On Fig.7. the distribution of Z coordinates as a function of the Y coordinate is
shown, compiled from 50 pairs of images.
Fig. 7. The distribution of Z coordinates
as a function of the Y coordinate.
The black line indicates the Z coordinate of the output segment of the burner.
The white arrows indicate the direction of the blow with the fan. The Z coordinates
are shown as a bivariant density function of Y. Assuming a leaning flame the value
of the Z depth coordinate increases from the burner. As shown on figure 7, the
flame leans towards the increasing Z coordinates. According to the figures the
described method provides realistic results.

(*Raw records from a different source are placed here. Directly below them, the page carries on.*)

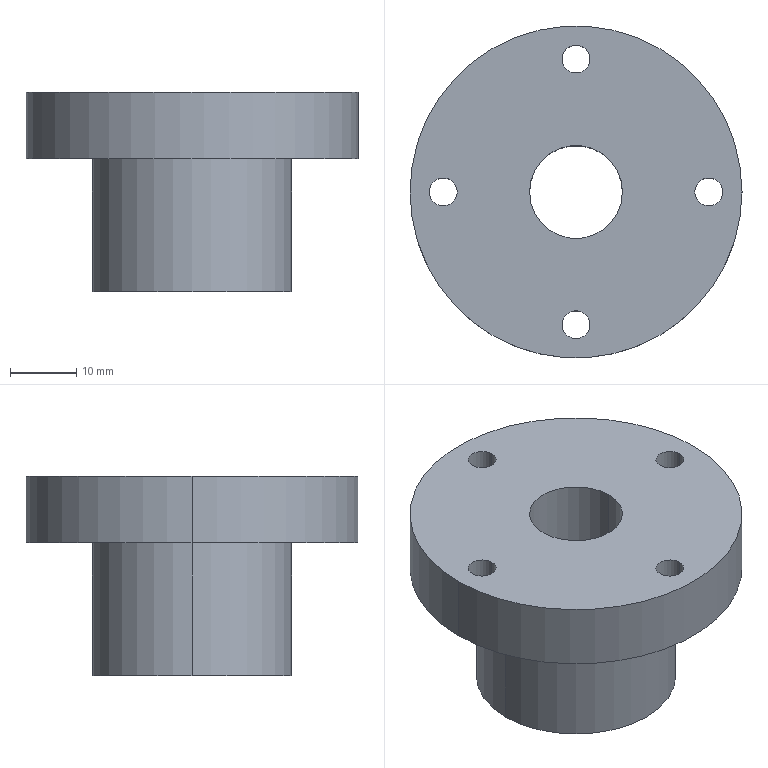Component | SolidWorks | DC-46-018-1 | 1 solid | 17 faces | box 50 x 50 x 30 mm | volume 28600 mm3 | cylinder 14 | plane 3 | commonest cylinder face diameters 4.2 x8 14 x2 30 x2 50 x2
build123d program:
from build123d import *

# Parameters (mm, degrees)
SKETCH1_2_R            = 25
BOSS_EXTRUDE1_DEPTH    = 10
SKETCH2_R              = 15
BOSS_EXTRUDE2_DEPTH    = 20
M14X1_5_TAPPED_HOLE1_D = 12.5
M5_TAPPED_HOLE1_D      = 4.2
SKETCH1_R              = 7
CUT_EXTRUDE1_DEPTH     = 47.368


with BuildPart() as part:
    # Sketch1_2 → Boss-Extrude1 (new body)
    with BuildSketch(Plane.XY):
        Circle(SKETCH1_2_R)
    extrude(amount=BOSS_EXTRUDE1_DEPTH)

    # Sketch2 → Boss-Extrude2 (add)
    with BuildSketch(Plane.XY.offset(10)):
        Circle(SKETCH2_R)
    extrude(amount=BOSS_EXTRUDE2_DEPTH)

    # M14x1.5 Tapped Hole1 (through all)
    with Locations(Plane.XY.offset(30)):
        with Locations((0, 0)):
            Hole(M14X1_5_TAPPED_HOLE1_D / 2)

    # M5 Tapped Hole1 (through all)
    with Locations(Plane.XY.offset(10)):
        with Locations((0, -20), (-20, 0), (0, 20), (20, 0)):
            Hole(M5_TAPPED_HOLE1_D / 2)

    # Sketch1 → Cut-Extrude1 (cut, through all)
    with BuildSketch(Plane(origin=(0, 0, 0), x_dir=(-1, 0, 0), z_dir=(0, 0, -1))):
        Circle(SKETCH1_R)
    extrude(amount=-CUT_EXTRUDE1_DEPTH, mode=Mode.SUBTRACT)


solid = part.part

# Placed as in the assembly
solid = solid.moved(Location((311.865, 195.227, 2075.633), (180, 0, 0)))

During the reconstruction errors can occur. Fig. 8. shows the standard
deviation of the reconstruction errors as a function of spatial coordinates. The grey
part indicates the field of vision of a camera, the colors indicate the rate of error.
Fig.8. The standard deviation o reconstruction errors as a function of the
spatial coordinates. The error is given in mm.
As shown on the figure the rate of error increases with the Z depth coordinate.
The reconstruction accuracy is determined by the base distance. The field of vision
decreases with the base distance increasing but the reconstruction becomes more
accurate. Decreasing the base distance point matching becomes easier but at the
expense of 3D reconstruction stability.
With the help of video analysis flame surface deformation rate, surface
curvature and its changes, and the spatial position flame split can be examined. The
images of Fig.9. show 50 frames from the video footage.
Fig.9. The Bunsen flame shooting footage in 3D reconstruction.
The video was recorder with 32 FPS. This rate allows a decent study of the
flame in space and time. Successive images show every change in the flame. As it
appears on these images the flame followed a Kelvin-Helmholtz wave-like motion.
Due to the instability of the flame it split. The determined parameters can be linked
to turbulent size scales.
4. CONCLUSIONS
3D reconstruction of turbulent flame surfaces using stereographic photography
is possible. The advantage of this method is the possibility to study flow
characteristics of a flame using a stereo device and 2D images.
The surface of a flame from a Bunsen burner was reconstructed. The flame
had a height of 15 cm. The reconstruction error of spatial coordinates was less than
1.5 mm. The reconstruction allows the study of the shape and surface curvature of
the flame. We were able to examine the motion of the flame surface using images
from the video footage.
The stereographic video analysis appears to be a promising tool for
investigating flow characteristics of complex flames, however, further studies are
required to determine what physical information do the spatial coordinates carry.